(388a) Invited Talk: The Next Dimension of Detection: Biomechanical Analysis of Tissue | AIChE

(388a) Invited Talk: The Next Dimension of Detection: Biomechanical Analysis of Tissue


Armani, A. M. - Presenter, University of Southern California
Hudnut, A., University of Southern California
Lash-Rosenberg, L., University of Southern California
Xin, A., University of Southern California
Doblado, J., California State University of Los Angeles
Zurita-Lopez, C., California State University of Los Angeles
Wang, Q., University of Southern California
Since the discovery of the antibody-antigen interactions and the specificity of DNA hybridization, researchers have focused efforts in diagnostic sensor system design around analyzing the chemical properties of biological systems. However, this approach fundamentally limits the type and diversity of data that can be acquired. By expanding this analysis to include the acquisition of other types of data, such as electrical and mechanical analysis, it is possible to greatly increase the data set and sample analysis; thus improving the reliability of the sample analysis.

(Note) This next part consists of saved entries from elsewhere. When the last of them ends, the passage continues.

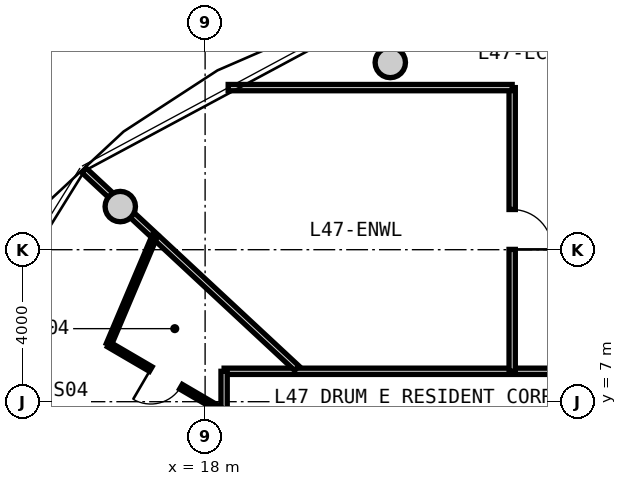
"""IFC4 building model, lengths in metres.
Left out: names, types, materials, properties, quantities, classifications, styles, units other than length and angle.
Written with IfcOpenShell. Run it as: python <this file> out.ifc"""

import sys

from ifc_helpers import new_model, si_unit, direction, frame, frame_2d, origin, origin_2d, place, context, subcontext, project, spatial, rectangle, circle, extrude, source, transform, mapped, element, fill, save


model = new_model("IFC4")
c1 = context("Model", 3, precision=1e-05, world=origin(), true_north=direction((0.0, 1.0)))
c2 = subcontext(c1, "Body", "Model", "MODEL_VIEW")
j1 = project(units=[si_unit("LENGTHUNIT", "METRE"), si_unit("PLANEANGLEUNIT", "RADIAN")], contexts=[c1])
p1 = place(None, origin())
s1 = spatial("IfcSite", under=j1, at=p1, CompositionType="ELEMENT")
p2 = place(p1, origin())
s2 = spatial("IfcBuilding", under=s1, at=p2, CompositionType="ELEMENT")
p3 = place(p2, frame((0.0, 0.0, 152.6)))
s3 = spatial("IfcBuildingStorey", under=s2, at=p3, CompositionType="ELEMENT", Elevation=152.6)
m1 = source(origin(), c2, "Body", "SweptSolid", [
    extrude(circle(Radius=0.4, at=origin_2d()), origin(), (0.0, 0.0, 1.0), 3.05),
])
for number, where, z_axis, x_axis in (
    (1, (22.873, 15.926, 0.0), (0.0, 0.0, 1.0), (1.0, 0.0, 0.0)),
    (2, (15.767, 12.135, 0.0), (0.0, 0.0, 1.0), (1.0, 0.0, 0.0)),
):
    element("IfcColumn", number, at=place(p3, frame(where, z_axis=z_axis, x_axis=x_axis)), inside=s3, PredefinedType="COLUMN", context=c2, shape_type="MappedRepresentation", body=[
        mapped(m1, transform((0.0, 0.0, 0.0), x_axis=(1.0, 0.0, 0.0), y_axis=(0.0, 1.0, 0.0), z_axis=(0.0, 0.0, 1.0), scale=1.0)),
    ])
m2 = source(origin(), c2, "Body", "SweptSolid", [
    extrude(rectangle(XDim=8.6, YDim=0.165, at=frame_2d((4.3, 0.0))), origin(), (0.0, 0.0, 1.0), 2.795),
])
p4 = place(p3, frame((18.5, 7.8, 0.0), z_axis=(0.0, 0.0, 1.0), x_axis=(1.0, 0.0, 0.0)))
e3 = element("IfcWall", 3, at=p4, inside=s3, PredefinedType="PARTITIONING", context=c2, shape_type="MappedRepresentation", body=[
    mapped(m2, transform((0.0, 0.0, 0.0), x_axis=(1.0, 0.0, 0.0), y_axis=(0.0, 1.0, 0.0), z_axis=(0.0, 0.0, 1.0), scale=1.0)),
])
m3 = source(origin(), c2, "Body", "SweptSolid", [
    extrude(rectangle(XDim=15.6, YDim=0.165, at=frame_2d((7.8, 0.0))), origin(), (0.0, 0.0, 1.0), 2.795),
])
p5 = place(p3, frame((18.5, -7.8, 0.0), z_axis=(0.0, 0.0, 1.0), x_axis=(0.0, 1.0, 0.0)))
e4 = element("IfcWall", 4, at=p5, inside=s3, PredefinedType="PARTITIONING", context=c2, shape_type="MappedRepresentation", body=[
    mapped(m3, transform((0.0, 0.0, 0.0), x_axis=(1.0, 0.0, 0.0), y_axis=(0.0, 1.0, 0.0), z_axis=(0.0, 0.0, 1.0), scale=1.0)),
])
p6 = place(p5, frame((12.591, 0.0, 0.0)))
e5 = element("IfcOpeningElement", 5, at=p6, cuts=e4, PredefinedType="OPENING", context=c2, shape_type="SweptSolid", body=[
    extrude(rectangle(XDim=1.05, YDim=2.15, at=frame_2d((0.525, 1.075))), frame((0.0, 0.093, 0.0), z_axis=(0.0, -1.0, 0.0), x_axis=(1.0, 0.0, 0.0)), (0.0, 0.0, 1.0), 0.185),
])
p7 = place(p5, frame((8.081, 0.0, 0.0)))
e6 = element("IfcOpeningElement", 6, at=p7, cuts=e4, PredefinedType="OPENING", context=c2, shape_type="SweptSolid", body=[
    extrude(rectangle(XDim=1.05, YDim=2.15, at=frame_2d((0.525, 1.075))), frame((0.0, 0.093, 0.0), z_axis=(0.0, -1.0, 0.0), x_axis=(1.0, 0.0, 0.0)), (0.0, 0.0, 1.0), 0.185),
])
p8 = place(p5, frame((2.854, 0.0, 0.0)))
e7 = element("IfcOpeningElement", 7, at=p8, cuts=e4, PredefinedType="OPENING", context=c2, shape_type="SweptSolid", body=[
    extrude(rectangle(XDim=1.05, YDim=2.15, at=frame_2d((0.525, 1.075))), frame((0.0, 0.093, 0.0), z_axis=(0.0, -1.0, 0.0), x_axis=(1.0, 0.0, 0.0)), (0.0, 0.0, 1.0), 0.185),
])
p9 = place(p5, frame((0.452, 0.0, 0.0)))
e8 = element("IfcOpeningElement", 8, at=p9, cuts=e4, PredefinedType="OPENING", context=c2, shape_type="SweptSolid", body=[
    extrude(rectangle(XDim=0.92, YDim=2.1, at=frame_2d((0.46, 1.05))), frame((0.0, 0.093, 0.0), z_axis=(0.0, -1.0, 0.0), x_axis=(1.0, 0.0, 0.0)), (0.0, 0.0, 1.0), 0.185),
])
m4 = source(origin(), c2, "Body", "SweptSolid", [
    extrude(rectangle(XDim=7.648, YDim=0.165, at=frame_2d((3.824, 0.0))), origin(), (0.0, 0.0, 1.0), 2.345),
])
p10 = place(p3, frame((20.413, 7.88, 0.0), z_axis=(0.0, 0.0, 1.0), x_axis=(-0.732182665826, 0.681108320213, 0.0)))
e9 = element("IfcWall", 9, at=p10, inside=s3, PredefinedType="PARTITIONING", context=c2, shape_type="MappedRepresentation", body=[
    mapped(m4, transform((0.0, 0.0, 0.0), x_axis=(1.0, 0.0, 0.0), y_axis=(0.0, 1.0, 0.0), z_axis=(0.0, 0.0, 1.0), scale=1.0)),
])
m5 = source(origin(), c2, "Body", "SweptSolid", [
    extrude(rectangle(XDim=7.465, YDim=0.165, at=frame_2d((3.733, 0.0))), origin(), (0.0, 0.0, 1.0), 2.795),
])
p11 = place(p3, frame((26.08, 7.8, 0.0), z_axis=(0.0, 0.0, 1.0), x_axis=(0.0, 1.0, 0.0)))
e10 = element("IfcWall", 10, at=p11, inside=s3, PredefinedType="PARTITIONING", context=c2, shape_type="MappedRepresentation", body=[
    mapped(m5, transform((0.0, 0.0, 0.0), x_axis=(1.0, 0.0, 0.0), y_axis=(0.0, 1.0, 0.0), z_axis=(0.0, 0.0, 1.0), scale=1.0)),
])
p12 = place(p11, frame((3.208, 0.0, 0.0)))
e11 = element("IfcOpeningElement", 11, at=p12, cuts=e10, PredefinedType="OPENING", context=c2, shape_type="SweptSolid", body=[
    extrude(rectangle(XDim=1.05, YDim=2.15, at=frame_2d((0.525, 1.075))), frame((0.0, 0.093, 0.0), z_axis=(0.0, -1.0, 0.0), x_axis=(1.0, 0.0, 0.0)), (0.0, 0.0, 1.0), 0.185),
])
m6 = source(origin(), c2, "Body", "SweptSolid", [
    extrude(rectangle(XDim=7.473, YDim=0.165, at=frame_2d((3.737, 0.0))), origin(), (0.0, 0.0, 1.0), 2.795),
])
p13 = place(p3, frame((18.607, 15.265, 0.0), z_axis=(0.0, 0.0, 1.0), x_axis=(1.0, 0.0, 0.0)))
e12 = element("IfcWall", 12, at=p13, inside=s3, PredefinedType="PARTITIONING", context=c2, shape_type="MappedRepresentation", body=[
    mapped(m6, transform((0.0, 0.0, 0.0), x_axis=(1.0, 0.0, 0.0), y_axis=(0.0, 1.0, 0.0), z_axis=(0.0, 0.0, 1.0), scale=1.0)),
])
m7 = source(origin(), c2, "Body", "SweptSolid", [
    extrude(rectangle(XDim=3.481, YDim=0.14, at=frame_2d((1.74, 0.0))), origin(), (0.0, 0.0, 1.0), 2.795),
])
p14 = place(p3, frame((18.47, 6.748, 0.0), z_axis=(0.0, 0.0, 1.0), x_axis=(-0.863310428788, 0.504673264148, 0.0)))
e13 = element("IfcWall", 13, at=p14, inside=s3, PredefinedType="PARTITIONING", context=c2, shape_type="MappedRepresentation", body=[
    mapped(m7, transform((0.0, 0.0, 0.0), x_axis=(1.0, 0.0, 0.0), y_axis=(0.0, 1.0, 0.0), z_axis=(0.0, 0.0, 1.0), scale=1.0)),
])
p15 = place(p14, frame((1.28, 0.0, 0.0)))
e14 = element("IfcOpeningElement", 14, at=p15, cuts=e13, PredefinedType="OPENING", context=c2, shape_type="SweptSolid", body=[
    extrude(rectangle(XDim=0.92, YDim=2.1, at=frame_2d((0.46, 1.05))), frame((0.0, 0.08, 0.0), z_axis=(0.0, -1.0, 0.0), x_axis=(1.0, 0.0, 0.0)), (0.0, 0.0, 1.0), 0.16),
])
m8 = source(origin(), c2, "Body", "SweptSolid", [
    extrude(rectangle(XDim=3.142, YDim=0.14, at=frame_2d((1.571, 0.0))), origin(), (0.0, 0.0, 1.0), 2.795),
])
p16 = place(p3, frame((15.465, 8.504, 0.0), z_axis=(0.0, 0.0, 1.0), x_axis=(0.389855410514, 0.920876082268, 0.0)))
e15 = element("IfcWall", 15, at=p16, inside=s3, PredefinedType="PARTITIONING", context=c2, shape_type="MappedRepresentation", body=[
    mapped(m8, transform((0.0, 0.0, 0.0), x_axis=(1.0, 0.0, 0.0), y_axis=(0.0, 1.0, 0.0), z_axis=(0.0, 0.0, 1.0), scale=1.0)),
])
m9 = source(origin(), c2, "Body", "SweptSolid", [
    extrude(rectangle(XDim=1.05, YDim=2.15, at=frame_2d((0.525, 1.075))), frame((0.0, 0.025, 0.0), z_axis=(0.0, -1.0, 0.0), x_axis=(1.0, 0.0, 0.0)), (0.0, 0.0, 1.0), 0.05),
])
p17 = place(p12, frame((1.05, 0.0, 0.0), z_axis=(0.0, 0.0, 1.0), x_axis=(-1.0, 0.0, 0.0)))
e16 = element("IfcDoor", 16, at=p17, inside=s3, OperationType="SINGLE_SWING_RIGHT", PredefinedType="DOOR", context=c2, shape_type="MappedRepresentation", body=[
    mapped(m9, transform((0.0, 0.0, 0.0), x_axis=(1.0, 0.0, 0.0), y_axis=(0.0, 1.0, 0.0), z_axis=(0.0, 0.0, 1.0), scale=1.0)),
])
fill(e11, e16)
m10 = source(origin(), c2, "Body", "SweptSolid", [
    extrude(rectangle(XDim=0.92, YDim=2.1, at=frame_2d((0.46, 1.05))), frame((0.0, 0.025, 0.0), z_axis=(0.0, -1.0, 0.0), x_axis=(1.0, 0.0, 0.0)), (0.0, 0.0, 1.0), 0.05),
])
p18 = place(p15, origin())
e17 = element("IfcDoor", 17, at=p18, inside=s3, OperationType="SINGLE_SWING_RIGHT", PredefinedType="DOOR", context=c2, shape_type="MappedRepresentation", body=[
    mapped(m10, transform((0.0, 0.0, 0.0), x_axis=(1.0, 0.0, 0.0), y_axis=(0.0, 1.0, 0.0), z_axis=(0.0, 0.0, 1.0), scale=1.0)),
])
fill(e14, e17)
save(model, sys.argv[1])

In the present work, we demonstrate a new approach for analyzing mechanical properties of unprocessed tissue slices. By using polarization maintaining optical fibers as the sensors in a compression testing system, we are able to improve the detection resolution of mechanical analysis of living, recently resected and unprocessed tissue slides. This approach has allowed the mechanical behavior of wide range of living tissues to be characterized, including porcine kidney, pancreas, and liver. The experimental results compare favorably with a visco-elastic model. In complementary work focused on the pancreas, we have designed 3-D printed biomimetic structures based on cross-sectional images of the pancreas. Using compression testing and finite element analysis of these microscale structures, we have identified several characteristic mechanical features, including buckling. When performing similar measurements with the resected tissue using the optical polarimetric system, we observe similar features, indicating that the pancreatic tissue undergoes buckling. This buckling feature can be attributed to the collagen IV network, and is determined to be the dominate contributor to the mechanical response of the tissue. Detection of this behavior in unprocessed living tissue is only possible due to the improved resolution of the optical fiber sensing method. This approach for tissue analysis provides a complementary strategy for understanding biological systems and could enable the development of new approaches for therapeutics.